The Social Construction of Corona: II- Chinese Doctor Says Goodbye to Wife
Before a pandemic was officially announced, a flood of viral data anticipated
it. A sentimental picture from china depicted a couple in face masks and tears
in what seems like a farewell. The man is supposedly a doctor being sent to
Wuhan and is saying goodbye to his wife.
The image, even if staged, captures a set of real emotions. It further
resonated with the emotions of a large global audience, as evident in its viral
spread and the captions and comments that accompanied it. This spread,
captions, and comment, however, narrate a different story. Let me first explore
the story the image captures, which I will explore assuming the picture is 100%
genuine, before I move to the different story narrated by its viral spread.

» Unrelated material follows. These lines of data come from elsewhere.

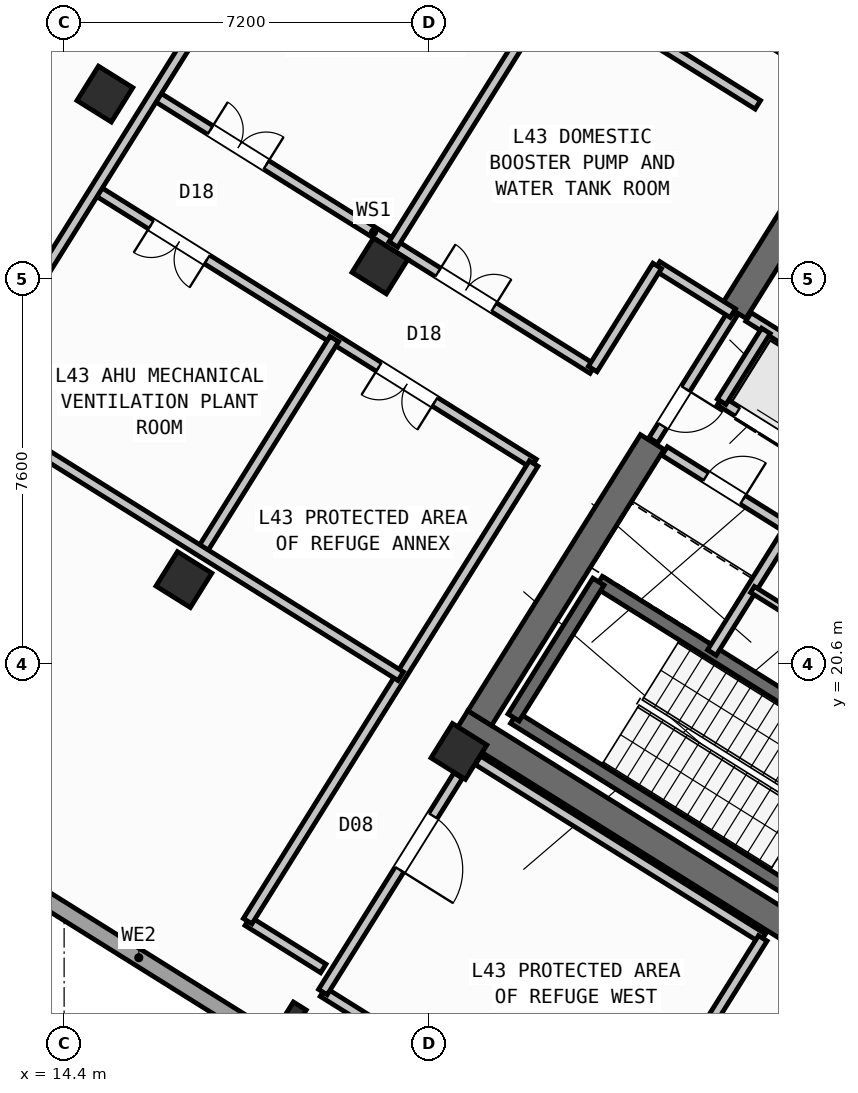
"""IFC4 building model, lengths in metres.
Left out: names, types, materials, properties, quantities, classifications, styles, units other than length and angle.
Written with IfcOpenShell. Run it as: python <this file> out.ifc"""

import sys

from ifc_helpers import new_model, si_unit, direction, frame, frame_2d, origin, origin_2d, place, context, subcontext, project, spatial, rectangle, hollow_rectangle, i_section, extrude, source, transform, mapped, element, fill, save


model = new_model("IFC4")
c1 = context("Model", 3, precision=1e-05, world=origin(), true_north=direction((0.0, 1.0)))
c2 = subcontext(c1, "Body", "Model", "MODEL_VIEW")
j1 = project(units=[si_unit("LENGTHUNIT", "METRE"), si_unit("PLANEANGLEUNIT", "RADIAN")], contexts=[c1])
p1 = place(None, origin())
s1 = spatial("IfcSite", under=j1, at=p1, CompositionType="ELEMENT")
p2 = place(p1, origin())
s2 = spatial("IfcBuilding", under=s1, at=p2, CompositionType="ELEMENT")
p3 = place(p2, frame((0.0, 0.0, 169.5)))
s3 = spatial("IfcBuildingStorey", under=s2, at=p3, CompositionType="ELEMENT", Elevation=169.5)
p4 = place(p3, frame((33.366, 12.477, 0.0), z_axis=(0.0, 0.0, 1.0), x_axis=(-0.848047359947, 0.529920442413, 0.0)))
e1 = element("IfcWall", 1, at=p4, inside=s3, PredefinedType="SHEAR", context=c2, shape_type="SweptSolid", body=[
    extrude(rectangle(XDim=13.14, YDim=0.55, at=frame_2d((6.57, 0.0))), origin(), (0.0, 0.0, 1.0), 5.15),
])
p5 = place(p3, frame((29.517, 30.594, 0.0), z_axis=(0.0, 0.0, 1.0), x_axis=(-0.529906864564, -0.848055844204, 0.0)))
e2 = element("IfcWall", 2, at=p5, inside=s3, PredefinedType="SHEAR", context=c2, shape_type="SweptSolid", body=[
    extrude(rectangle(XDim=3.575, YDim=0.55, at=frame_2d((1.788, 0.0))), origin(), (0.0, 0.0, 1.0), 5.15),
])
p6 = place(p3, frame((26.007, 24.976, 0.0), z_axis=(0.0, 0.0, 1.0), x_axis=(-0.529923795287, -0.848045264823, 0.0)))
e3 = element("IfcWall", 3, at=p6, inside=s3, PredefinedType="SHEAR", context=c2, shape_type="SweptSolid", body=[
    extrude(rectangle(XDim=6.425, YDim=0.55, at=frame_2d((3.212, 0.0))), origin(), (0.0, 0.0, 1.0), 5.15),
])
m1 = source(origin(), c2, "Body", "SweptSolid", [
    extrude(hollow_rectangle(XDim=0.8, YDim=0.8, WallThickness=0.032, at=origin_2d()), origin(), (0.0, 0.0, 1.0), 5.4),
])
p7 = place(p3, frame((22.191, 18.87, 0.0), z_axis=(0.0, 0.0, 1.0), x_axis=(-0.848048096156, 0.529919264233, 0.0)))
e4 = element("IfcColumn", 4, at=p7, inside=s3, PredefinedType="COLUMN", context=c2, shape_type="MappedRepresentation", body=[
    mapped(m1, transform((0.0, 0.0, 0.0), scale=1.0)),
])
m2 = source(origin(), c2, "Body", "SweptSolid", [
    extrude(i_section(OverallWidth=0.3, OverallDepth=0.55, WebThickness=0.015, FlangeThickness=0.029, at=origin_2d()), origin(), (0.0, 0.0, 1.0), 5.4),
])
p8 = place(p3, frame((18.906, 13.612, 0.0), z_axis=(0.0, 0.0, 1.0), x_axis=(-0.848048096156, 0.529919264233, 0.0)))
e5 = element("IfcColumn", 5, at=p8, inside=s3, PredefinedType="COLUMN", context=c2, shape_type="MappedRepresentation", body=[
    mapped(m2, transform((0.0, 0.0, 0.0), scale=1.0)),
])
for number, where, z_axis, x_axis in (
    (6, (20.632, 28.452, 0.0), (0.0, 0.0, 1.0), (-0.848, 0.53, 0.0)),
    (7, (16.764, 22.261, 0.0), (0.0, 0.0, 1.0), (-0.848, 0.53, 0.0)),
    (8, (15.205, 31.844, 0.0), (0.0, 0.0, 1.0), (-0.848, 0.53, 0.0)),
):
    element("IfcColumn", number, at=place(p3, frame(where, z_axis=z_axis, x_axis=x_axis)), inside=s3, PredefinedType="COLUMN", context=c2, shape_type="MappedRepresentation", body=[
        mapped(m1, transform((0.0, 0.0, 0.0), scale=1.0)),
    ])
p9 = place(p3, frame((29.268, 6.429, 0.0), z_axis=(0.0, 0.0, 1.0), x_axis=(-0.848049971435, 0.529916263149, 0.0)))
e9 = element("IfcWall", 9, at=p9, inside=s3, PredefinedType="STANDARD", context=c2, shape_type="SweptSolid", body=[
    extrude(rectangle(XDim=31.588, YDim=0.32, at=frame_2d((15.794, 0.0))), origin(), (0.0, 0.0, 1.0), 5.15),
])
p10 = place(p9, frame((6.007, 0.0, 0.95)))
e10 = element("IfcOpeningElement", 10, at=p10, cuts=e9, PredefinedType="OPENING", context=c2, shape_type="SweptSolid", body=[
    extrude(rectangle(XDim=1.25, YDim=1.4, at=frame_2d((0.625, 0.7))), frame((0.0, 0.17, 0.0), z_axis=(0.0, -1.0, 0.0), x_axis=(1.0, 0.0, 0.0)), (0.0, 0.0, 1.0), 0.34),
])
p11 = place(p3, frame((14.138, 41.825, 0.0), z_axis=(0.0, 0.0, 1.0), x_axis=(0.848046498049, -0.529921821731, 0.0)))
e11 = element("IfcWall", 11, at=p11, inside=s3, PredefinedType="STANDARD", context=c2, shape_type="SweptSolid", body=[
    extrude(rectangle(XDim=31.588, YDim=0.32, at=frame_2d((15.794, 0.0))), origin(), (0.0, 0.0, 1.0), 5.15),
])
p12 = place(p11, frame((2.369, 0.0, 0.95)))
e12 = element("IfcOpeningElement", 12, at=p12, cuts=e11, PredefinedType="OPENING", context=c2, shape_type="SweptSolid", body=[
    extrude(rectangle(XDim=1.25, YDim=1.4, at=frame_2d((0.625, 0.7))), frame((0.0, 0.17, 0.0), z_axis=(0.0, -1.0, 0.0), x_axis=(1.0, 0.0, 0.0)), (0.0, 0.0, 1.0), 0.34),
])
p13 = place(p11, frame((8.769, 0.0, 0.95)))
e13 = element("IfcOpeningElement", 13, at=p13, cuts=e11, PredefinedType="OPENING", context=c2, shape_type="SweptSolid", body=[
    extrude(rectangle(XDim=1.25, YDim=1.4, at=frame_2d((0.625, 0.7))), frame((0.0, 0.17, 0.0), z_axis=(0.0, -1.0, 0.0), x_axis=(1.0, 0.0, 0.0)), (0.0, 0.0, 1.0), 0.34),
])
p14 = place(p11, frame((15.169, 0.0, 0.95)))
e14 = element("IfcOpeningElement", 14, at=p14, cuts=e11, PredefinedType="OPENING", context=c2, shape_type="SweptSolid", body=[
    extrude(rectangle(XDim=1.25, YDim=1.4, at=frame_2d((0.625, 0.7))), frame((0.0, 0.17, 0.0), z_axis=(0.0, -1.0, 0.0), x_axis=(1.0, 0.0, 0.0)), (0.0, 0.0, 1.0), 0.34),
])
p15 = place(p11, frame((24.688, 0.0, 0.95)))
e15 = element("IfcOpeningElement", 15, at=p15, cuts=e11, PredefinedType="OPENING", context=c2, shape_type="SweptSolid", body=[
    extrude(rectangle(XDim=1.25, YDim=1.4, at=frame_2d((0.625, 0.7))), frame((0.0, 0.17, 0.0), z_axis=(0.0, -1.0, 0.0), x_axis=(1.0, 0.0, 0.0)), (0.0, 0.0, 1.0), 0.34),
])
p16 = place(p3, frame((29.605, 15.581, 0.0), z_axis=(0.0, 0.0, 1.0), x_axis=(-0.848036911448, 0.529937163087, 0.0)))
e16 = element("IfcWall", 16, at=p16, inside=s3, PredefinedType="SHEAR", context=c2, shape_type="SweptSolid", body=[
    extrude(rectangle(XDim=7.46, YDim=0.26, at=frame_2d((3.73, 0.0))), origin(), (0.0, 0.0, 1.0), 5.15),
])
p17 = place(p3, frame((31.28, 18.261, 0.0), z_axis=(0.0, 0.0, 1.0), x_axis=(-0.848051618787, 0.529913626805, 0.0)))
e17 = element("IfcWall", 17, at=p17, inside=s3, PredefinedType="SHEAR", context=c2, shape_type="SweptSolid", body=[
    extrude(rectangle(XDim=7.46, YDim=0.26, at=frame_2d((3.73, 0.0))), origin(), (0.0, 0.0, 1.0), 5.15),
])
p18 = place(p17, frame((0.36, 0.0, 0.0)))
e18 = element("IfcOpeningElement", 18, at=p18, cuts=e17, PredefinedType="OPENING", context=c2, shape_type="SweptSolid", body=[
    extrude(rectangle(XDim=0.86, YDim=2.05, at=frame_2d((0.43, 1.025))), frame((0.0, 0.14, 0.0), z_axis=(0.0, -1.0, 0.0), x_axis=(1.0, 0.0, 0.0)), (0.0, 0.0, 1.0), 0.28),
])
p19 = place(p3, frame((24.945, 22.22, 0.0), z_axis=(0.0, 0.0, 1.0), x_axis=(-0.529908658664, -0.84805472316, 0.0)))
e19 = element("IfcWall", 19, at=p19, inside=s3, PredefinedType="SHEAR", context=c2, shape_type="SweptSolid", body=[
    extrude(rectangle(XDim=3.16, YDim=0.26, at=frame_2d((1.58, 0.0))), origin(), (0.0, 0.0, 1.0), 5.15),
])
p20 = place(p3, frame((31.822, 24.998, 0.0), z_axis=(0.0, 0.0, 1.0), x_axis=(-0.848036912365, 0.52993716162, 0.0)))
e20 = element("IfcWall", 20, at=p20, inside=s3, PredefinedType="STANDARD", context=c2, shape_type="SweptSolid", body=[
    extrude(rectangle(XDim=4.618, YDim=0.2, at=frame_2d((2.309, 0.0))), origin(), (0.0, 0.0, 1.0), 5.14),
])
p21 = place(p3, frame((32.108, 22.814, 0.0), z_axis=(0.0, 0.0, 1.0), x_axis=(-0.848042229521, 0.529928652696, 0.0)))
e21 = element("IfcWall", 21, at=p21, inside=s3, PredefinedType="STANDARD", context=c2, shape_type="SweptSolid", body=[
    extrude(rectangle(XDim=5.62, YDim=0.2, at=frame_2d((2.81, 0.0))), origin(), (0.0, 0.0, 1.0), 5.14),
])
p22 = place(p21, frame((0.39, 0.0, 0.0)))
e22 = element("IfcOpeningElement", 22, at=p22, cuts=e21, PredefinedType="OPENING", context=c2, shape_type="SweptSolid", body=[
    extrude(rectangle(XDim=1.1, YDim=2.15, at=frame_2d((0.55, 1.075))), frame((0.0, 0.11, 0.0), z_axis=(0.0, -1.0, 0.0), x_axis=(1.0, 0.0, 0.0)), (0.0, 0.0, 1.0), 0.22),
])
p23 = place(p21, frame((2.25, 0.0, 0.0)))
e23 = element("IfcOpeningElement", 23, at=p23, cuts=e21, PredefinedType="OPENING", context=c2, shape_type="SweptSolid", body=[
    extrude(rectangle(XDim=1.1, YDim=2.15, at=frame_2d((0.55, 1.075))), frame((0.0, 0.11, 0.0), z_axis=(0.0, -1.0, 0.0), x_axis=(1.0, 0.0, 0.0)), (0.0, 0.0, 1.0), 0.22),
])
p24 = place(p21, frame((4.11, 0.0, 0.0)))
e24 = element("IfcOpeningElement", 24, at=p24, cuts=e21, PredefinedType="OPENING", context=c2, shape_type="SweptSolid", body=[
    extrude(rectangle(XDim=1.1, YDim=2.15, at=frame_2d((0.55, 1.075))), frame((0.0, 0.11, 0.0), z_axis=(0.0, -1.0, 0.0), x_axis=(1.0, 0.0, 0.0)), (0.0, 0.0, 1.0), 0.22),
])
p25 = place(p3, frame((28.25, 27.17, 0.0), z_axis=(0.0, 0.0, 1.0), x_axis=(-0.529905827651, -0.848056492117, 0.0)))
e25 = element("IfcWall", 25, at=p25, inside=s3, PredefinedType="STANDARD", context=c2, shape_type="SweptSolid", body=[
    extrude(rectangle(XDim=1.65, YDim=0.2, at=frame_2d((0.825, 0.0))), origin(), (0.0, 0.0, 1.0), 5.14),
])
p26 = place(p3, frame((28.71, 23.263, 0.0), z_axis=(0.0, 0.0, 1.0), x_axis=(-0.529907497854, -0.848055448493, 0.0)))
e26 = element("IfcWall", 26, at=p26, inside=s3, PredefinedType="STANDARD", context=c2, shape_type="SweptSolid", body=[
    extrude(rectangle(XDim=2.88, YDim=0.2, at=frame_2d((1.44, 0.0))), origin(), (0.0, 0.0, 1.0), 5.14),
])
p27 = place(p3, frame((31.525, 21.504, 0.0), z_axis=(0.0, 0.0, 1.0), x_axis=(-0.848040211232, 0.529931882541, 0.0)))
e27 = element("IfcWall", 27, at=p27, inside=s3, PredefinedType="STANDARD", context=c2, shape_type="SweptSolid", body=[
    extrude(rectangle(XDim=6.218, YDim=0.2, at=frame_2d((3.109, 0.0))), origin(), (0.0, 0.0, 1.0), 5.14),
])
p28 = place(p27, frame((4.4, 0.0, 0.0)))
e28 = element("IfcOpeningElement", 28, at=p28, cuts=e27, PredefinedType="OPENING", context=c2, shape_type="SweptSolid", body=[
    extrude(rectangle(XDim=0.86, YDim=2.05, at=frame_2d((0.43, 1.025))), frame((0.0, 0.11, 0.0), z_axis=(0.0, -1.0, 0.0), x_axis=(1.0, 0.0, 0.0)), (0.0, 0.0, 1.0), 0.22),
])
p29 = place(p27, frame((1.45, 0.0, 0.0)))
e29 = element("IfcOpeningElement", 29, at=p29, cuts=e27, PredefinedType="OPENING", context=c2, shape_type="SweptSolid", body=[
    extrude(rectangle(XDim=0.86, YDim=2.05, at=frame_2d((0.43, 1.025))), frame((0.0, 0.11, 0.0), z_axis=(0.0, -1.0, 0.0), x_axis=(1.0, 0.0, 0.0)), (0.0, 0.0, 1.0), 0.22),
])
p30 = place(p3, frame((30.766, 20.327, 0.0), z_axis=(0.0, 0.0, 1.0), x_axis=(-0.848052663127, 0.529911955482, 0.0)))
e30 = element("IfcWall", 30, at=p30, inside=s3, PredefinedType="PLUMBINGWALL", context=c2, shape_type="SweptSolid", body=[
    extrude(rectangle(XDim=3.28, YDim=0.14, at=frame_2d((1.64, 0.0))), origin(), (0.0, 0.0, 1.0), 5.14),
])
p31 = place(p30, frame((1.2, 0.0, 0.0)))
e31 = element("IfcOpeningElement", 31, at=p31, cuts=e30, PredefinedType="OPENING", context=c2, shape_type="SweptSolid", body=[
    extrude(rectangle(XDim=0.78, YDim=2.05, at=frame_2d((0.39, 1.025))), frame((0.0, 0.08, 0.0), z_axis=(0.0, -1.0, 0.0), x_axis=(1.0, 0.0, 0.0)), (0.0, 0.0, 1.0), 0.16),
])
p32 = place(p3, frame((24.832, 26.417, 0.0), z_axis=(0.0, 0.0, 1.0), x_axis=(-0.848045364107, 0.529923636401, 0.0)))
e32 = element("IfcWall", 32, at=p32, inside=s3, PredefinedType="STANDARD", context=c2, shape_type="SweptSolid", body=[
    extrude(rectangle(XDim=10.2, YDim=0.2, at=frame_2d((5.1, 0.0))), origin(), (0.0, 0.0, 1.0), 5.14),
])
p33 = place(p32, frame((2.3, 0.0, 0.0)))
e33 = element("IfcOpeningElement", 33, at=p33, cuts=e32, PredefinedType="OPENING", context=c2, shape_type="SweptSolid", body=[
    extrude(rectangle(XDim=1.3, YDim=2.15, at=frame_2d((0.65, 1.075))), frame((0.0, 0.11, 0.0), z_axis=(0.0, -1.0, 0.0), x_axis=(1.0, 0.0, 0.0)), (0.0, 0.0, 1.0), 0.22),
])
p34 = place(p32, frame((7.6, 0.0, 0.0)))
e34 = element("IfcOpeningElement", 34, at=p34, cuts=e32, PredefinedType="OPENING", context=c2, shape_type="SweptSolid", body=[
    extrude(rectangle(XDim=1.3, YDim=2.15, at=frame_2d((0.65, 1.075))), frame((0.0, 0.11, 0.0), z_axis=(0.0, -1.0, 0.0), x_axis=(1.0, 0.0, 0.0)), (0.0, 0.0, 1.0), 0.22),
])
p35 = place(p3, frame((23.666, 24.552, 0.0), z_axis=(0.0, 0.0, 1.0), x_axis=(-0.848038642463, 0.529934393004, 0.0)))
e35 = element("IfcWall", 35, at=p35, inside=s3, PredefinedType="STANDARD", context=c2, shape_type="SweptSolid", body=[
    extrude(rectangle(XDim=10.2, YDim=0.2, at=frame_2d((5.1, 0.0))), origin(), (0.0, 0.0, 1.0), 5.14),
])
p36 = place(p35, frame((2.3, 0.0, 0.0)))
e36 = element("IfcOpeningElement", 36, at=p36, cuts=e35, PredefinedType="OPENING", context=c2, shape_type="SweptSolid", body=[
    extrude(rectangle(XDim=1.3, YDim=2.15, at=frame_2d((0.65, 1.075))), frame((0.0, 0.11, 0.0), z_axis=(0.0, -1.0, 0.0), x_axis=(1.0, 0.0, 0.0)), (0.0, 0.0, 1.0), 0.22),
])
p37 = place(p35, frame((7.6, 0.0, 0.0)))
e37 = element("IfcOpeningElement", 37, at=p37, cuts=e35, PredefinedType="OPENING", context=c2, shape_type="SweptSolid", body=[
    extrude(rectangle(XDim=1.3, YDim=2.15, at=frame_2d((0.65, 1.075))), frame((0.0, 0.11, 0.0), z_axis=(0.0, -1.0, 0.0), x_axis=(1.0, 0.0, 0.0)), (0.0, 0.0, 1.0), 0.22),
])
p38 = place(p3, frame((19.441, 37.038, 0.0), z_axis=(0.0, 0.0, 1.0), x_axis=(-0.529936237412, -0.848037489901, 0.0)))
e38 = element("IfcWall", 38, at=p38, inside=s3, PredefinedType="STANDARD", context=c2, shape_type="SweptSolid", body=[
    extrude(rectangle(XDim=13.3, YDim=0.2, at=frame_2d((6.65, 0.0))), origin(), (0.0, 0.0, 1.0), 5.14),
])
p39 = place(p3, frame((27.596, 27.52, 0.0), z_axis=(0.0, 0.0, 1.0), x_axis=(-0.529865479138, -0.848081702443, 0.0)))
e39 = element("IfcWall", 39, at=p39, inside=s3, PredefinedType="STANDARD", context=c2, shape_type="SweptSolid", body=[
    extrude(rectangle(XDim=2.96, YDim=0.2, at=frame_2d((1.48, 0.0))), origin(), (0.0, 0.0, 1.0), 5.14),
])
p40 = place(p39, frame((1.76, 0.0, 0.0)))
e40 = element("IfcOpeningElement", 40, at=p40, cuts=e39, PredefinedType="OPENING", context=c2, shape_type="SweptSolid", body=[
    extrude(rectangle(XDim=0.86, YDim=2.05, at=frame_2d((0.43, 1.025))), frame((0.0, 0.11, 0.0), z_axis=(0.0, -1.0, 0.0), x_axis=(1.0, 0.0, 0.0)), (0.0, 0.0, 1.0), 0.22),
])
p41 = place(p3, frame((28.188, 15.182, 0.0), z_axis=(0.0, 0.0, 1.0), x_axis=(-0.848064515696, 0.529892986571, 0.0)))
e41 = element("IfcWall", 41, at=p41, inside=s3, PredefinedType="STANDARD", context=c2, shape_type="SweptSolid", body=[
    extrude(rectangle(XDim=6.628, YDim=0.2, at=frame_2d((3.314, 0.0))), origin(), (0.0, 0.0, 1.0), 5.14),
])
p42 = place(p3, frame((25.273, 10.517, 0.0), z_axis=(0.0, 0.0, 1.0), x_axis=(-0.848048724775, 0.529918258231, 0.0)))
e42 = element("IfcWall", 42, at=p42, inside=s3, PredefinedType="STANDARD", context=c2, shape_type="SweptSolid", body=[
    extrude(rectangle(XDim=6.8, YDim=0.2, at=frame_2d((3.4, 0.0))), origin(), (0.0, 0.0, 1.0), 5.14),
])
p43 = place(p3, frame((28.188, 15.182, 0.0), z_axis=(0.0, 0.0, 1.0), x_axis=(-0.52991514706, -0.848050668838, 0.0)))
e43 = element("IfcWall", 43, at=p43, inside=s3, PredefinedType="STANDARD", context=c2, shape_type="SweptSolid", body=[
    extrude(rectangle(XDim=5.5, YDim=0.2, at=frame_2d((2.75, 0.0))), origin(), (0.0, 0.0, 1.0), 5.14),
])
p44 = place(p3, frame((22.176, 18.393, 0.0), z_axis=(0.0, 0.0, 1.0), x_axis=(-0.529911817823, -0.848052749145, 0.0)))
e44 = element("IfcWall", 44, at=p44, inside=s3, PredefinedType="STANDARD", context=c2, shape_type="SweptSolid", body=[
    extrude(rectangle(XDim=5.038, YDim=0.2, at=frame_2d((2.519, 0.0))), origin(), (0.0, 0.0, 1.0), 4.625),
])
p45 = place(p44, frame((0.938, 0.0, 0.0)))
e45 = element("IfcOpeningElement", 45, at=p45, cuts=e44, PredefinedType="OPENING", context=c2, shape_type="SweptSolid", body=[
    extrude(rectangle(XDim=1.25, YDim=2.15, at=frame_2d((0.625, 1.075))), frame((0.0, 0.11, 0.0), z_axis=(0.0, -1.0, 0.0), x_axis=(1.0, 0.0, 0.0)), (0.0, 0.0, 1.0), 0.22),
])
p46 = place(p3, frame((27.596, 27.52, 0.0), z_axis=(0.0, 0.0, 1.0), x_axis=(-0.848037269931, 0.529936589422, 0.0)))
e46 = element("IfcWall", 46, at=p46, inside=s3, PredefinedType="STANDARD", context=c2, shape_type="SweptSolid", body=[
    extrude(rectangle(XDim=1.76, YDim=0.2, at=frame_2d((0.88, 0.0))), origin(), (0.0, 0.0, 1.0), 5.14),
])
p47 = place(p3, frame((19.515, 14.587, 0.0), z_axis=(0.0, 0.0, 1.0), x_axis=(-0.848076222107, 0.529874250646, 0.0)))
e47 = element("IfcWall", 47, at=p47, inside=s3, PredefinedType="STANDARD", context=c2, shape_type="SweptSolid", body=[
    extrude(rectangle(XDim=1.76, YDim=0.2, at=frame_2d((0.88, 0.0))), origin(), (0.0, 0.0, 1.0), 5.14),
])
p48 = place(p3, frame((26.104, 28.453, 0.0), z_axis=(0.0, 0.0, 1.0), x_axis=(-0.529880066358, -0.848072588448, 0.0)))
e48 = element("IfcWall", 48, at=p48, inside=s3, PredefinedType="STANDARD", context=c2, shape_type="SweptSolid", body=[
    extrude(rectangle(XDim=2.4, YDim=0.2, at=frame_2d((1.2, 0.0))), origin(), (0.0, 0.0, 1.0), 5.14),
])
p49 = place(p3, frame((23.666, 24.552, 0.0), z_axis=(0.0, 0.0, 1.0), x_axis=(-0.529912392506, -0.848052390049, 0.0)))
e49 = element("IfcWall", 49, at=p49, inside=s3, PredefinedType="STANDARD", context=c2, shape_type="SweptSolid", body=[
    extrude(rectangle(XDim=10.65, YDim=0.2, at=frame_2d((5.325, 0.0))), origin(), (0.0, 0.0, 1.0), 5.14),
])
p50 = place(p3, frame((19.731, 27.01, 0.0), z_axis=(0.0, 0.0, 1.0), x_axis=(-0.529896970672, -0.848062026312, 0.0)))
e50 = element("IfcWall", 50, at=p50, inside=s3, PredefinedType="STANDARD", context=c2, shape_type="SweptSolid", body=[
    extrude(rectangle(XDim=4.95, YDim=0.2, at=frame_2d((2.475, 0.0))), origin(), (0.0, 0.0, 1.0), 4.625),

The emotions captured in this image do not conform to cold statistics,
but this does not make them any less real, or even any less scientific. From
the start, we knew that, in terms of statistics and abstractions, the virus
kills a small percentage (shifts from 0.5 to 5.5% depending on where and when
we are). Emotions, of course, are not governed by statistics and numbers, but
even the emotions of the doctor and his wife show a livelier engagement with
what these figures mean: an understanding that a low percentage risk doesn’t
make you safe, that if you find yourself in the unlucky 0.5-5.5% who will die,
or the unlucky 20% who will have severe respiratory complications, you won’t
find consolation in the bigger numbers. The fear and sadness in the picture may
also be motivated by an awareness that the more you interact with patients the
more likely you will become infected; a 5.5% probability of dying if you get
infected is not the same thing as knowing you will most likely be infected and
have a 5.5% change of dying. It
is also important to remember that a small percentage doesn’t mean a small
number: 0.5-5.5% on its own may be a small percentage, but 0.5-5.5% of a
highly contagious and fast growing virus means large numbers.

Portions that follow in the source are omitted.